Congyang, Merayakan Akulturasi Keroncong-Wayang
Keroncong dan wayang mencerminkan proses akulturasi atau perbauran budaya. Meski asal-usulnya terkait dengan pengaruh budaya dari mancanegara, yakni keroncong asal Portugis dan wayang banyak mementaskan epos dari India, kedua seni itu telah mengalami proses "pribumisasi" selama ratusan tahun di Nusantara. Hasilnya, adonan ekspresi yang khas Indonesia.
Keroncong adalah musik khas yang diadaptasikan dari musik Portugis, “fado”, lantas dikembangkan dengan beberapa intsrumen tambahan dari Nusantara.
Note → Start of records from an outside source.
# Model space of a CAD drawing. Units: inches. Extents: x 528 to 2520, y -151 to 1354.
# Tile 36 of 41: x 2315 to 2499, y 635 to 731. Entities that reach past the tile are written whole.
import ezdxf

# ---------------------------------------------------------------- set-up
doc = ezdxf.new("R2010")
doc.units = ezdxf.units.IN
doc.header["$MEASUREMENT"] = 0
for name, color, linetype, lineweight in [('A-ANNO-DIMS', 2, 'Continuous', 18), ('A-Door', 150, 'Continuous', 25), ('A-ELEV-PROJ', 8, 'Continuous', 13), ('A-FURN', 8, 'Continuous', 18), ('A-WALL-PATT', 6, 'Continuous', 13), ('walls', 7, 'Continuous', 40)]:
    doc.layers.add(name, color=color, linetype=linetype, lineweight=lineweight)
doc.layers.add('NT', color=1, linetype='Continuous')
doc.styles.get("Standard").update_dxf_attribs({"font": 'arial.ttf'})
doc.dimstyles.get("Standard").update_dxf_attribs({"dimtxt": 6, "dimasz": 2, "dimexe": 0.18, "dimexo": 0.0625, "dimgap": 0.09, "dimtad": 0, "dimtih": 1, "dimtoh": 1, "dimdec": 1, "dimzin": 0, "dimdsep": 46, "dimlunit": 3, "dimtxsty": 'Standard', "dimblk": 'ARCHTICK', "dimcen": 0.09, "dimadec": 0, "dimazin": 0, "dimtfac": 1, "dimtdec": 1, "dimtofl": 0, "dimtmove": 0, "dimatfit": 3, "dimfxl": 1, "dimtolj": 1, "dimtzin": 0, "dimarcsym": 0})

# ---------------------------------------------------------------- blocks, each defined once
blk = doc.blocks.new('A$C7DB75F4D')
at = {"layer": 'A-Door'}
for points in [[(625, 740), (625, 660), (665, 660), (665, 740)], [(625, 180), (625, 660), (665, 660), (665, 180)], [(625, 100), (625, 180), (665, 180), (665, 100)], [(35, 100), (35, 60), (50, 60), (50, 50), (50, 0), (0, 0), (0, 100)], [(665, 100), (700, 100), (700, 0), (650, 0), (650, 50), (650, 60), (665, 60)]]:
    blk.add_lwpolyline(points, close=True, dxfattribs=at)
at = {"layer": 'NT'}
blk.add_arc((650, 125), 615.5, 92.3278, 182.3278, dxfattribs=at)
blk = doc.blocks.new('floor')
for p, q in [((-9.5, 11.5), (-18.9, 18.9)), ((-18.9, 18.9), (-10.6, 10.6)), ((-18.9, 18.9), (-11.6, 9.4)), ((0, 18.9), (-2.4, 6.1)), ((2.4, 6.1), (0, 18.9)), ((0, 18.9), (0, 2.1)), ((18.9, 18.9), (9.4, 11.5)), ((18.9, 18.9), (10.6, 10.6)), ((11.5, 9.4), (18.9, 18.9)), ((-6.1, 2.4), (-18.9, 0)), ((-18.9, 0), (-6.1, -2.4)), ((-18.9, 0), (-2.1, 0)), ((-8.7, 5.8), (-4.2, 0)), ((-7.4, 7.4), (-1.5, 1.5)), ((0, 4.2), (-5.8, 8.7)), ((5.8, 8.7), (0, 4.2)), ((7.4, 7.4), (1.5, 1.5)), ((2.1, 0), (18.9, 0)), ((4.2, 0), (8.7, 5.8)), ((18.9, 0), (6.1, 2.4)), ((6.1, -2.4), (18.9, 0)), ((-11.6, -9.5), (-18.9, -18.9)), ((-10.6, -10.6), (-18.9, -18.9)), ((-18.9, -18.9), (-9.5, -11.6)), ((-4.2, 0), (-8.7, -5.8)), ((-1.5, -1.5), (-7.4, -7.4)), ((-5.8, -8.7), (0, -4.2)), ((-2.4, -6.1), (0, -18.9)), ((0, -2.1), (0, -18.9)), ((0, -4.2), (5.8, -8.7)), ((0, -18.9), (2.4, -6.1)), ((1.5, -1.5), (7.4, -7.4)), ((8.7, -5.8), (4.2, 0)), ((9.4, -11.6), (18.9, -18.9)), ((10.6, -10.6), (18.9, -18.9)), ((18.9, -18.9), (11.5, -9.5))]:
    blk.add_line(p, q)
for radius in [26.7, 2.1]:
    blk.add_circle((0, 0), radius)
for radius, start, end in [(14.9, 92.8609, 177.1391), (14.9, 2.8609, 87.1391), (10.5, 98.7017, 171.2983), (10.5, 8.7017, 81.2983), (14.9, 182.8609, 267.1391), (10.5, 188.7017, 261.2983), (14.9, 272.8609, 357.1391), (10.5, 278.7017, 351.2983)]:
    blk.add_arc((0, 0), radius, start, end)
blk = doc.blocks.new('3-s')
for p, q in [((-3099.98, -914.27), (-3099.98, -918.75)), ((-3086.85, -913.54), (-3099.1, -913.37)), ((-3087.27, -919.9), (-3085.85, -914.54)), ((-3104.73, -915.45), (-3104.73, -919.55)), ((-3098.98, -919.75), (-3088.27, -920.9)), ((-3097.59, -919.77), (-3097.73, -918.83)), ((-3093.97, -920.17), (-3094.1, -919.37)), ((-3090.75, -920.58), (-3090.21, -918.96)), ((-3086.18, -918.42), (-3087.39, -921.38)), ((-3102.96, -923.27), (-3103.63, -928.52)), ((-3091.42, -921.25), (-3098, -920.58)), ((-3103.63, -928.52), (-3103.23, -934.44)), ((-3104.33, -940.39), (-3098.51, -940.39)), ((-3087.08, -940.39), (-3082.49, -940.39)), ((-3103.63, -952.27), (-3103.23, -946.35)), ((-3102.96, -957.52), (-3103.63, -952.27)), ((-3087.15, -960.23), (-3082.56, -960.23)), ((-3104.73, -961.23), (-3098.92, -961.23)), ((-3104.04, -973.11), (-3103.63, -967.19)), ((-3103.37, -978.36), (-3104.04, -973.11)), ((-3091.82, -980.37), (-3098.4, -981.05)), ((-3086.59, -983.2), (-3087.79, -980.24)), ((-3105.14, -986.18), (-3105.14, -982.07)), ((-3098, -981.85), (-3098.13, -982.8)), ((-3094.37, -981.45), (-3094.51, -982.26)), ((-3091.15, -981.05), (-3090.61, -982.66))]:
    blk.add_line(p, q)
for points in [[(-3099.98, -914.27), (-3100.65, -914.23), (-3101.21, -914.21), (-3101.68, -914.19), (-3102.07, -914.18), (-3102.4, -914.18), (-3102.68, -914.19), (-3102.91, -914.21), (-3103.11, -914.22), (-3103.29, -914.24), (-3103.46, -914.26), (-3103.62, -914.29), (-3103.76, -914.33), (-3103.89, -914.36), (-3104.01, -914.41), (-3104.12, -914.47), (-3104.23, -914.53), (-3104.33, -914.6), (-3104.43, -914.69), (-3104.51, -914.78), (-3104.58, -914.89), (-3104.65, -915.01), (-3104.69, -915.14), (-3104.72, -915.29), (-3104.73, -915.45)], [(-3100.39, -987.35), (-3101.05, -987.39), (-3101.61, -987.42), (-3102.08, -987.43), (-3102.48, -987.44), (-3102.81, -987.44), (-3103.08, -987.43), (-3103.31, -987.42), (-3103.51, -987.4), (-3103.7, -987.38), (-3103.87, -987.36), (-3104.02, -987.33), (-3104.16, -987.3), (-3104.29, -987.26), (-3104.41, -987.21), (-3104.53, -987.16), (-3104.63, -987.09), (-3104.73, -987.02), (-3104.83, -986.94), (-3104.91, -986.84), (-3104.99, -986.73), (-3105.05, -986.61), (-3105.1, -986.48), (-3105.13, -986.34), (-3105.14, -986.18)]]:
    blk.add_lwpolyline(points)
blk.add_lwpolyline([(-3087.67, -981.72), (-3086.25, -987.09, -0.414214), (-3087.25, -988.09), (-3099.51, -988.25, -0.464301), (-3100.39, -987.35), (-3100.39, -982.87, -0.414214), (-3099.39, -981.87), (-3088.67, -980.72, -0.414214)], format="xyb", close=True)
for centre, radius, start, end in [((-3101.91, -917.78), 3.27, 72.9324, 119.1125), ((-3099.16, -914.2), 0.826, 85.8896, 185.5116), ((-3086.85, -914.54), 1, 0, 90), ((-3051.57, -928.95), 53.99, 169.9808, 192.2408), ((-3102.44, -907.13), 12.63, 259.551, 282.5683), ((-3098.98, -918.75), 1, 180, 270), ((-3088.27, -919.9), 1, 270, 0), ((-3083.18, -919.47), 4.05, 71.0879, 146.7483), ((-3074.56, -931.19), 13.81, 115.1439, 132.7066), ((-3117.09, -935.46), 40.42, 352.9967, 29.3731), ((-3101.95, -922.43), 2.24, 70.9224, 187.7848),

Dalam bentuk terkini, keroncong biasa dimainkan dengan mengandalkan ukulele, gitar, biola, flute, selo, kontrabas, kadang juga diimbuhi gamelan. Lagu yang dibawakan bervariasi, mulai dari Jawa, Indonesia, sampai Inggris.
Wayang merupakan pertunjukan boneka dari kulit atau kayu dengan karakter cerita tertentu. Tercatat sejak Jawa kuna, wayang berkembang dengan memanggungkan lakon yang menyerap epos dari India, yaitu Mahabarata dan Ramayana. Wayang dipentaskan dengan melibatkan dalang (narator), wiyaga (pemain musik) yang memainkan gamelan (instrumen music Jawa), dan sinden (penyanyi).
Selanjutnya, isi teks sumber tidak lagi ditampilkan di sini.